Reporters have been barred from Jenin, and there has been no independent verification of who has died and how.

Soldiers emerging from Jenin yesterday afternoon described the fighting as intense. The soldiers sprawled on the ground at a checkpoint amid tanks and armored personnel carriers, their uniforms muddied and bullet cartridges still locked in their M-16 rifles. They talked of home, family and war.

"It was awful," said Lt. Yossi Guy, 23, who finished his army service 18 months ago only to be called up to fight in Jenin. "You couldn't fight. You want to shoot the terrorists, but there were civilians everywhere."

He lives in the coastal city of Netanya, his apartment two blocks from the hotel where, two weeks ago, a Palestinian suicide bomber killed 27 Israelis. Guy said he cut short a vacation in South America to join his unit.

"I'm protecting my house," he said, his rifle resting against a trash bin. "We had to do this. We don't like to do it, but we had to fight to bring quiet. This is for my father, my mother and my brothers."

For the residents of the refugee camp, this is a time of terrible uncertainty. They are refugees a second time over - refugees from the refugee camp - many of their homes probably destroyed. The men are in search of their families, and in search of shelter.

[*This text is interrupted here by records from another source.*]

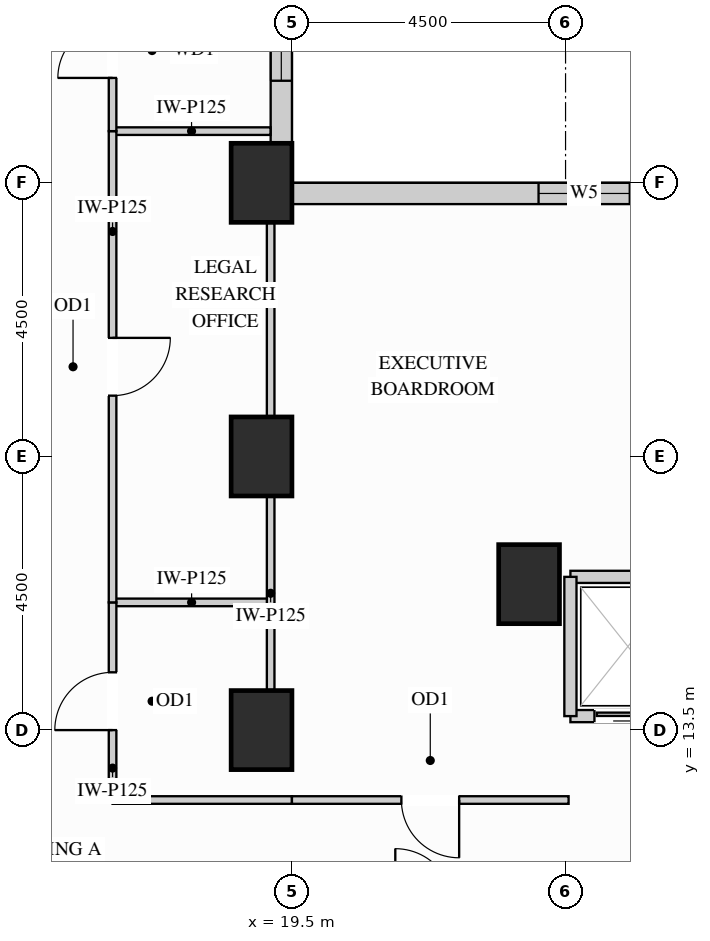
"""IFC4 building model, lengths in metres.
Left out: names, types, materials, properties, quantities, classifications, styles, units other than length and angle.
Written with IfcOpenShell. Run it as: python <this file> out.ifc"""

import sys

from ifc_helpers import new_model, si_unit, direction, frame, frame_2d, origin, origin_2d, place, context, subcontext, project, spatial, rectangle, extrude, source, transform, mapped, element, fill, save


model = new_model("IFC4")
c1 = context("Model", 3, precision=1e-05, world=origin(), true_north=direction((0.0, 1.0)))
c2 = subcontext(c1, "Body", "Model", "MODEL_VIEW")
j1 = project(units=[si_unit("LENGTHUNIT", "METRE"), si_unit("PLANEANGLEUNIT", "RADIAN")], contexts=[c1])
p1 = place(None, origin())
s1 = spatial("IfcSite", under=j1, at=p1, CompositionType="ELEMENT")
p2 = place(p1, origin())
s2 = spatial("IfcBuilding", under=s1, at=p2, CompositionType="ELEMENT")
p3 = place(p2, frame((0.0, 0.0, 29.7)))
s3 = spatial("IfcBuildingStorey", under=s2, at=p3, CompositionType="ELEMENT", Elevation=29.7)
m1 = source(origin(), c2, "Body", "SweptSolid", [
    extrude(rectangle(XDim=1.0, YDim=1.3, at=origin_2d()), origin(), (0.0, 0.0, 1.0), 3.38),
])
for number, where, z_axis, x_axis in (
    (1, (19.0, 13.5, 0.0), (0.0, 0.0, 1.0), (1.0, 0.0, 0.0)),
    (2, (19.0, 18.0, 0.0), (0.0, 0.0, 1.0), (1.0, 0.0, 0.0)),
    (3, (19.0, 22.5, 0.0), (0.0, 0.0, 1.0), (1.0, 0.0, 0.0)),
    (4, (23.4, 15.9, 0.0), (0.0, 0.0, 1.0), (1.0, 0.0, 0.0)),
):
    element("IfcColumn", number, at=place(p3, frame(where, z_axis=z_axis, x_axis=x_axis)), inside=s3, PredefinedType="COLUMN", context=c2, shape_type="MappedRepresentation", body=[
        mapped(m1, transform((0.0, 0.0, 0.0), x_axis=(1.0, 0.0, 0.0), y_axis=(0.0, 1.0, 0.0), z_axis=(0.0, 0.0, 1.0))),
    ])
p4 = place(p3, frame((34.352, 22.325, 0.0), z_axis=(0.0, 0.0, 1.0), x_axis=(-1.0, 0.0, 0.0)))
e5 = element("IfcWall", 5, at=p4, inside=s3, PredefinedType="SOLIDWALL", context=c2, shape_type="SweptSolid", body=[
    extrude(rectangle(XDim=14.854, YDim=0.35, at=frame_2d((7.427, 0.0))), origin(), (0.0, 0.0, 1.0), 3.365),
])
p5 = place(p4, frame((4.058, 0.0, 0.78)))
e6 = element("IfcOpeningElement", 6, at=p5, cuts=e5, PredefinedType="OPENING", context=c2, shape_type="SweptSolid", body=[
    extrude(rectangle(XDim=1.5, YDim=2.0, at=frame_2d((0.75, 1.0))), frame((0.0, 0.185, 0.0), z_axis=(0.0, -1.0, 0.0), x_axis=(1.0, 0.0, 0.0)), (0.0, 0.0, 1.0), 0.37),
])
p6 = place(p4, frame((9.296, 0.0, 0.78)))
e7 = element("IfcOpeningElement", 7, at=p6, cuts=e5, PredefinedType="OPENING", context=c2, shape_type="SweptSolid", body=[
    extrude(rectangle(XDim=1.5, YDim=2.0, at=frame_2d((0.75, 1.0))), frame((0.0, 0.185, 0.0), z_axis=(0.0, -1.0, 0.0), x_axis=(1.0, 0.0, 0.0)), (0.0, 0.0, 1.0), 0.37),
])
p7 = place(p3, frame((19.325, 23.148, 0.0), z_axis=(0.0, 0.0, 1.0), x_axis=(0.0, 1.0, 0.0)))
e8 = element("IfcWall", 8, at=p7, inside=s3, PredefinedType="SOLIDWALL", context=c2, shape_type="SweptSolid", body=[
    extrude(rectangle(XDim=3.004, YDim=0.35, at=frame_2d((1.502, 0.0))), origin(), (0.0, 0.0, 1.0), 2.51),
])
p8 = place(p7, frame((1.031, 0.0, 0.78)))
e9 = element("IfcOpeningElement", 9, at=p8, cuts=e8, PredefinedType="OPENING", context=c2, shape_type="SweptSolid", body=[
    extrude(rectangle(XDim=1.5, YDim=1.55, at=frame_2d((0.75, 0.775))), frame((0.0, 0.185, 0.0), z_axis=(0.0, -1.0, 0.0), x_axis=(1.0, 0.0, 0.0)), (0.0, 0.0, 1.0), 0.37),
])
m2 = source(origin(), c2, "Body", "SweptSolid", [
    extrude(rectangle(XDim=2.6, YDim=0.125, at=frame_2d((1.3, 0.0))), origin(), (0.0, 0.0, 1.0), 3.365),
])
p9 = place(p3, frame((16.55, 15.6, 0.0), z_axis=(0.0, 0.0, 1.0), x_axis=(1.0, 0.0, 0.0)))
e10 = element("IfcWall", 10, at=p9, inside=s3, PredefinedType="PARTITIONING", context=c2, shape_type="MappedRepresentation", body=[
    mapped(m2, transform((0.0, 0.0, 0.0), x_axis=(1.0, 0.0, 0.0), y_axis=(0.0, 1.0, 0.0), z_axis=(0.0, 0.0, 1.0))),
])
m3 = source(origin(), c2, "Body", "SweptSolid", [
    extrude(rectangle(XDim=2.598, YDim=0.125, at=frame_2d((1.299, 0.0))), origin(), (0.0, 0.0, 1.0), 3.365),
])
p10 = place(p3, frame((16.55, 23.35, 0.0), z_axis=(0.0, 0.0, 1.0), x_axis=(1.0, 0.0, 0.0)))
e11 = element("IfcWall", 11, at=p10, inside=s3, PredefinedType="PARTITIONING", context=c2, shape_type="MappedRepresentation", body=[
    mapped(m3, transform((0.0, 0.0, 0.0), x_axis=(1.0, 0.0, 0.0), y_axis=(0.0, 1.0, 0.0), z_axis=(0.0, 0.0, 1.0))),
])
m4 = source(origin(), c2, "Body", "SweptSolid", [
    extrude(rectangle(XDim=3.18, YDim=0.125, at=frame_2d((1.59, 0.0))), origin(), (0.0, 0.0, 1.0), 2.67),
])
for number, where, z_axis, x_axis in (
    (12, (19.15, 14.16, 0.0), (0.0, 0.0, 1.0), (0.0, 1.0, 0.0)),
    (13, (19.15, 18.66, 0.0), (0.0, 0.0, 1.0), (0.0, 1.0, 0.0)),
):
    element("IfcWall", number, at=place(p3, frame(where, z_axis=z_axis, x_axis=x_axis)), inside=s3, PredefinedType="PARTITIONING", context=c2, shape_type="MappedRepresentation", body=[
        mapped(m4, transform((0.0, 0.0, 0.0), x_axis=(1.0, 0.0, 0.0), y_axis=(0.0, 1.0, 0.0), z_axis=(0.0, 0.0, 1.0))),
    ])
p11 = place(p3, frame((16.55, 12.35, 0.0), z_axis=(0.0, 0.0, 1.0), x_axis=(0.0, 1.0, 0.0)))
e14 = element("IfcWall", 14, at=p11, inside=s3, PredefinedType="PARTITIONING", context=c2, shape_type="SweptSolid", body=[
    extrude(rectangle(XDim=3.25, YDim=0.125, at=frame_2d((1.625, 0.0))), origin(), (0.0, 0.0, 1.0), 3.365),
])
p12 = place(p11, frame((1.15, 0.0, 0.0)))
e15 = element("IfcOpeningElement", 15, at=p12, cuts=e14, PredefinedType="OPENING", context=c2, shape_type="SweptSolid", body=[
    extrude(rectangle(XDim=0.95, YDim=2.15, at=frame_2d((0.475, 1.075))), frame((0.0, 0.073, 0.0), z_axis=(0.0, -1.0, 0.0), x_axis=(1.0, 0.0, 0.0)), (0.0, 0.0, 1.0), 0.145),
])
p13 = place(p3, frame((16.55, 15.6, 0.0), z_axis=(0.0, 0.0, 1.0), x_axis=(0.0, 1.0, 0.0)))
e16 = element("IfcWall", 16, at=p13, inside=s3, PredefinedType="PARTITIONING", context=c2, shape_type="SweptSolid", body=[
    extrude(rectangle(XDim=7.75, YDim=0.125, at=frame_2d((3.875, 0.0))), origin(), (0.0, 0.0, 1.0), 3.365),
])
p14 = place(p13, frame((3.4, 0.0, 0.0)))
e17 = element("IfcOpeningElement", 17, at=p14, cuts=e16, PredefinedType="OPENING", context=c2, shape_type="SweptSolid", body=[
    extrude(rectangle(XDim=0.95, YDim=2.15, at=frame_2d((0.475, 1.075))), frame((0.0, 0.073, 0.0), z_axis=(0.0, -1.0, 0.0), x_axis=(1.0, 0.0, 0.0)), (0.0, 0.0, 1.0), 0.145),
])
p15 = place(p3, frame((16.55, 23.35, 0.0), z_axis=(0.0, 0.0, 1.0), x_axis=(0.0, 1.0, 0.0)))
e18 = element("IfcWall", 18, at=p15, inside=s3, PredefinedType="PARTITIONING", context=c2, shape_type="SweptSolid", body=[
    extrude(rectangle(XDim=2.7, YDim=0.125, at=frame_2d((1.35, 0.0))), origin(), (0.0, 0.0, 1.0), 3.365),
])
p16 = place(p15, frame((0.875, 0.0, 0.0)))
e19 = element("IfcOpeningElement", 19, at=p16, cuts=e18, PredefinedType="OPENING", context=c2, shape_type="SweptSolid", body=[
    extrude(rectangle(XDim=0.9, YDim=2.15, at=frame_2d((0.45, 1.075))), frame((0.0, 0.073, 0.0), z_axis=(0.0, -1.0, 0.0), x_axis=(1.0, 0.0, 0.0)), (0.0, 0.0, 1.0), 0.145),
])
m5 = source(origin(), c2, "Body", "SweptSolid", [
    extrude(rectangle(XDim=2.95, YDim=0.125, at=frame_2d((1.475, 0.0))), origin(), (0.0, 0.0, 1.0), 3.365),
])
p17 = place(p3, frame((16.55, 12.35, 0.0), z_axis=(0.0, 0.0, 1.0), x_axis=(1.0, 0.0, 0.0)))
e20 = element("IfcWall", 20, at=p17, inside=s3, PredefinedType="PARTITIONING", context=c2, shape_type="MappedRepresentation", body=[
    mapped(m5, transform((0.0, 0.0, 0.0), x_axis=(1.0, 0.0, 0.0), y_axis=(0.0, 1.0, 0.0), z_axis=(0.0, 0.0, 1.0))),
])
p18 = place(p3, frame((19.5, 12.35, 0.0), z_axis=(0.0, 0.0, 1.0), x_axis=(1.0, 0.0, 0.0)))
e21 = element("IfcWall", 21, at=p18, inside=s3, PredefinedType="PARTITIONING", context=c2, shape_type="SweptSolid", body=[
    extrude(rectangle(XDim=4.55, YDim=0.125, at=frame_2d((2.275, 0.0))), origin(), (0.0, 0.0, 1.0), 3.365),
])
p19 = place(p18, frame((1.8, 0.0, 0.0)))
e22 = element("IfcOpeningElement", 22, at=p19, cuts=e21, PredefinedType="OPENING", context=c2, shape_type="SweptSolid", body=[
    extrude(rectangle(XDim=0.95, YDim=2.15, at=frame_2d((0.475, 1.075))), frame((0.0, 0.073, 0.0), z_axis=(0.0, -1.0, 0.0), x_axis=(1.0, 0.0, 0.0)), (0.0, 0.0, 1.0), 0.145),
])
m6 = source(origin(), c2, "Body", "SweptSolid", [
    extrude(rectangle(XDim=1.89, YDim=0.2, at=frame_2d((0.945, 0.0))), origin(), (0.0, 0.0, 1.0), 2.67),
])
p20 = place(p3, frame((24.08, 16.02, 0.0), z_axis=(0.0, 0.0, 1.0), x_axis=(1.0, 0.0, 0.0)))
e23 = element("IfcWall", 23, at=p20, inside=s3, PredefinedType="PARTITIONING", context=c2, shape_type="MappedRepresentation", body=[
    mapped(m6, transform((0.0, 0.0, 0.0), x_axis=(1.0, 0.0, 0.0), y_axis=(0.0, 1.0, 0.0), z_axis=(0.0, 0.0, 1.0))),
])
p21 = place(p3, frame((24.08, 13.73, 0.0), z_axis=(0.0, 0.0, 1.0), x_axis=(1.0, 0.0, 0.0)))
e24 = element("IfcWall", 24, at=p21, inside=s3, PredefinedType="PARTITIONING", context=c2, shape_type="SweptSolid", body=[
    extrude(rectangle(XDim=1.89, YDim=0.2, at=frame_2d((0.945, 0.0))), origin(), (0.0, 0.0, 1.0), 2.446),
])
p22 = place(p21, frame((0.395, 0.0, 0.0)))
e25 = element("IfcOpeningElement", 25, at=p22, cuts=e24, PredefinedType="OPENING", context=c2, shape_type="SweptSolid", body=[
    extrude(rectangle(XDim=1.1, YDim=2.2, at=frame_2d((0.55, 1.1))), frame((0.0, 0.11, 0.0), z_axis=(0.0, -1.0, 0.0), x_axis=(1.0, 0.0, 0.0)), (0.0, 0.0, 1.0), 0.22),
])
m7 = source(origin(), c2, "Body", "SweptSolid", [
    extrude(rectangle(XDim=2.29, YDim=0.2, at=frame_2d((1.145, 0.0))), origin(), (0.0, 0.0, 1.0), 3.365),
])
p23 = place(p3, frame((24.08, 13.73, 0.0), z_axis=(0.0, 0.0, 1.0), x_axis=(0.0, 1.0, 0.0)))
e26 = element("IfcWall", 26, at=p23, inside=s3, PredefinedType="PARTITIONING", context=c2, shape_type="MappedRepresentation", body=[
    mapped(m7, transform((0.0, 0.0, 0.0), x_axis=(1.0, 0.0, 0.0), y_axis=(0.0, 1.0, 0.0), z_axis=(0.0, 0.0, 1.0))),
])
m8 = source(origin(), c2, "Body", "SweptSolid", [
    extrude(rectangle(XDim=1.1, YDim=2.2, at=frame_2d((0.55, 1.1))), frame((0.0, 0.025, 0.0), z_axis=(0.0, -1.0, 0.0), x_axis=(1.0, 0.0, 0.0)), (0.0, 0.0, 1.0), 0.05),
])
p24 = place(p22, origin())
e27 = element("IfcDoor", 27, at=p24, inside=s3, OperationType="SLIDING_TO_LEFT", PredefinedType="DOOR", context=c2, shape_type="MappedRepresentation", body=[
    mapped(m8, transform((0.0, 0.0, 0.0), x_axis=(1.0, 0.0, 0.0), y_axis=(0.0, 1.0, 0.0), z_axis=(0.0, 0.0, 1.0))),
])
fill(e25, e27)
m9 = source(origin(), c2, "Body", "SweptSolid", [
    extrude(rectangle(XDim=0.95, YDim=2.15, at=frame_2d((0.475, 1.075))), frame((0.0, 0.025, 0.0), z_axis=(0.0, -1.0, 0.0), x_axis=(1.0, 0.0, 0.0)), (0.0, 0.0, 1.0), 0.05),
])
p25 = place(p12, origin())
e28 = element("IfcDoor", 28, at=p25, inside=s3, OperationType="SINGLE_SWING_LEFT", PredefinedType="DOOR", context=c2, shape_type="MappedRepresentation", body=[
    mapped(m9, transform((0.0, 0.0, 0.0), x_axis=(1.0, 0.0, 0.0), y_axis=(0.0, 1.0, 0.0), z_axis=(0.0, 0.0, 1.0))),
])
fill(e15, e28)
p26 = place(p14, origin())
e29 = element("IfcDoor", 29, at=p26, inside=s3, OperationType="SINGLE_SWING_RIGHT", PredefinedType="DOOR", context=c2, shape_type="MappedRepresentation", body=[
    mapped(m9, transform((0.0, 0.0, 0.0), x_axis=(1.0, 0.0, 0.0), y_axis=(0.0, 1.0, 0.0), z_axis=(0.0, 0.0, 1.0))),
])
fill(e17, e29)
p27 = place(p19, origin())
e30 = element("IfcDoor", 30, at=p27, inside=s3, OperationType="SINGLE_SWING_RIGHT", PredefinedType="DOOR", context=c2, shape_type="MappedRepresentation", body=[
    mapped(m9, transform((0.0, 0.0, 0.0), x_axis=(1.0, 0.0, 0.0), y_axis=(0.0, 1.0, 0.0), z_axis=(0.0, 0.0, 1.0))),
])
fill(e22, e30)
m10 = source(origin(), c2, "Body", "SweptSolid", [
    extrude(rectangle(XDim=0.9, YDim=2.15, at=frame_2d((0.45, 1.075))), frame((0.0, 0.025, 0.0), z_axis=(0.0, -1.0, 0.0), x_axis=(1.0, 0.0, 0.0)), (0.0, 0.0, 1.0), 0.05),
])
p28 = place(p16, origin())
e31 = element("IfcDoor", 31, at=p28, inside=s3, OperationType="SINGLE_SWING_LEFT", PredefinedType="DOOR", context=c2, shape_type="MappedRepresentation", body=[
    mapped(m10, transform((0.0, 0.0, 0.0), x_axis=(1.0, 0.0, 0.0), y_axis=(0.0, 1.0, 0.0), z_axis=(0.0, 0.0, 1.0))),
])
fill(e19, e31)
m11 = source(origin(), c2, "Body", "SweptSolid", [
    extrude(rectangle(XDim=1.5, YDim=2.0, at=frame_2d((0.75, 1.0))), frame((0.0, 0.03, 0.0), z_axis=(0.0, -1.0, 0.0), x_axis=(1.0, 0.0, 0.0)), (0.0, 0.0, 1.0), 0.06),
])
p29 = place(p6, origin())
e32 = element("IfcWindow", 32, at=p29, inside=s3, PartitioningType="SINGLE_PANEL", PredefinedType="WINDOW", context=c2, shape_type="MappedRepresentation", body=[
    mapped(m11, transform((0.0, 0.0, 0.0), x_axis=(1.0, 0.0, 0.0), y_axis=(0.0, 1.0, 0.0), z_axis=(0.0, 0.0, 1.0))),
])
fill(e7, e32)
m12 = source(origin(), c2, "Body", "SweptSolid", [
    extrude(rectangle(XDim=1.5, YDim=1.55, at=frame_2d((0.75, 0.775))), frame((0.0, 0.03, 0.0), z_axis=(0.0, -1.0, 0.0), x_axis=(1.0, 0.0, 0.0)), (0.0, 0.0, 1.0), 0.06),
])
p30 = place(p8, origin())
e33 = element("IfcWindow", 33, at=p30, inside=s3, PartitioningType="SINGLE_PANEL", PredefinedType="WINDOW", context=c2, shape_type="MappedRepresentation", body=[
    mapped(m12, transform((0.0, 0.0, 0.0), x_axis=(1.0, 0.0, 0.0), y_axis=(0.0, 1.0, 0.0), z_axis=(0.0, 0.0, 1.0))),
])
fill(e9, e33)
save(model, sys.argv[1])

Left with donated clothes and sleeping on thin mattresses in the mosque, the men of Jenin simply sat and waited, and talked of their harrowing days in custody.

Some men, accusing Israeli soldiers of abuse, showed off what they said were burn marks caused by cigarettes. Men complained about the lack of food, the humiliating lack of toilets and the efforts apparently made to crush their spirit.

Muhamad Amori, 40, lived in the refugee camp with his wife and three children, whom he supported by selling vegetables from a donkey cart. On Friday, he said, soldiers announced their arrival by ripping the door of his house from its hinges. Twenty soldiers piled inside, climbing over the body of a man lying in the street.

Amori said that over the next three hours they searched every cabinet and storage bin. The soldiers, he said, were particularly interested in why he had posters of two young men killed in the camp last year.

When his sister-in-law, Fathiya Amori, 28, grabbed some small plastic bags, a soldier pointed his gun at her, Amori said. "I told them that we're not involved in anything. They didn't believe me."

The soldiers left, only to return the next night. They forced the women and children into a neighbor's house, handcuffed Amori and his brother, taking the men to another house. There, he said, he was blindfolded and ordered to lie face down among 70 other males, between 14 and 65 years old.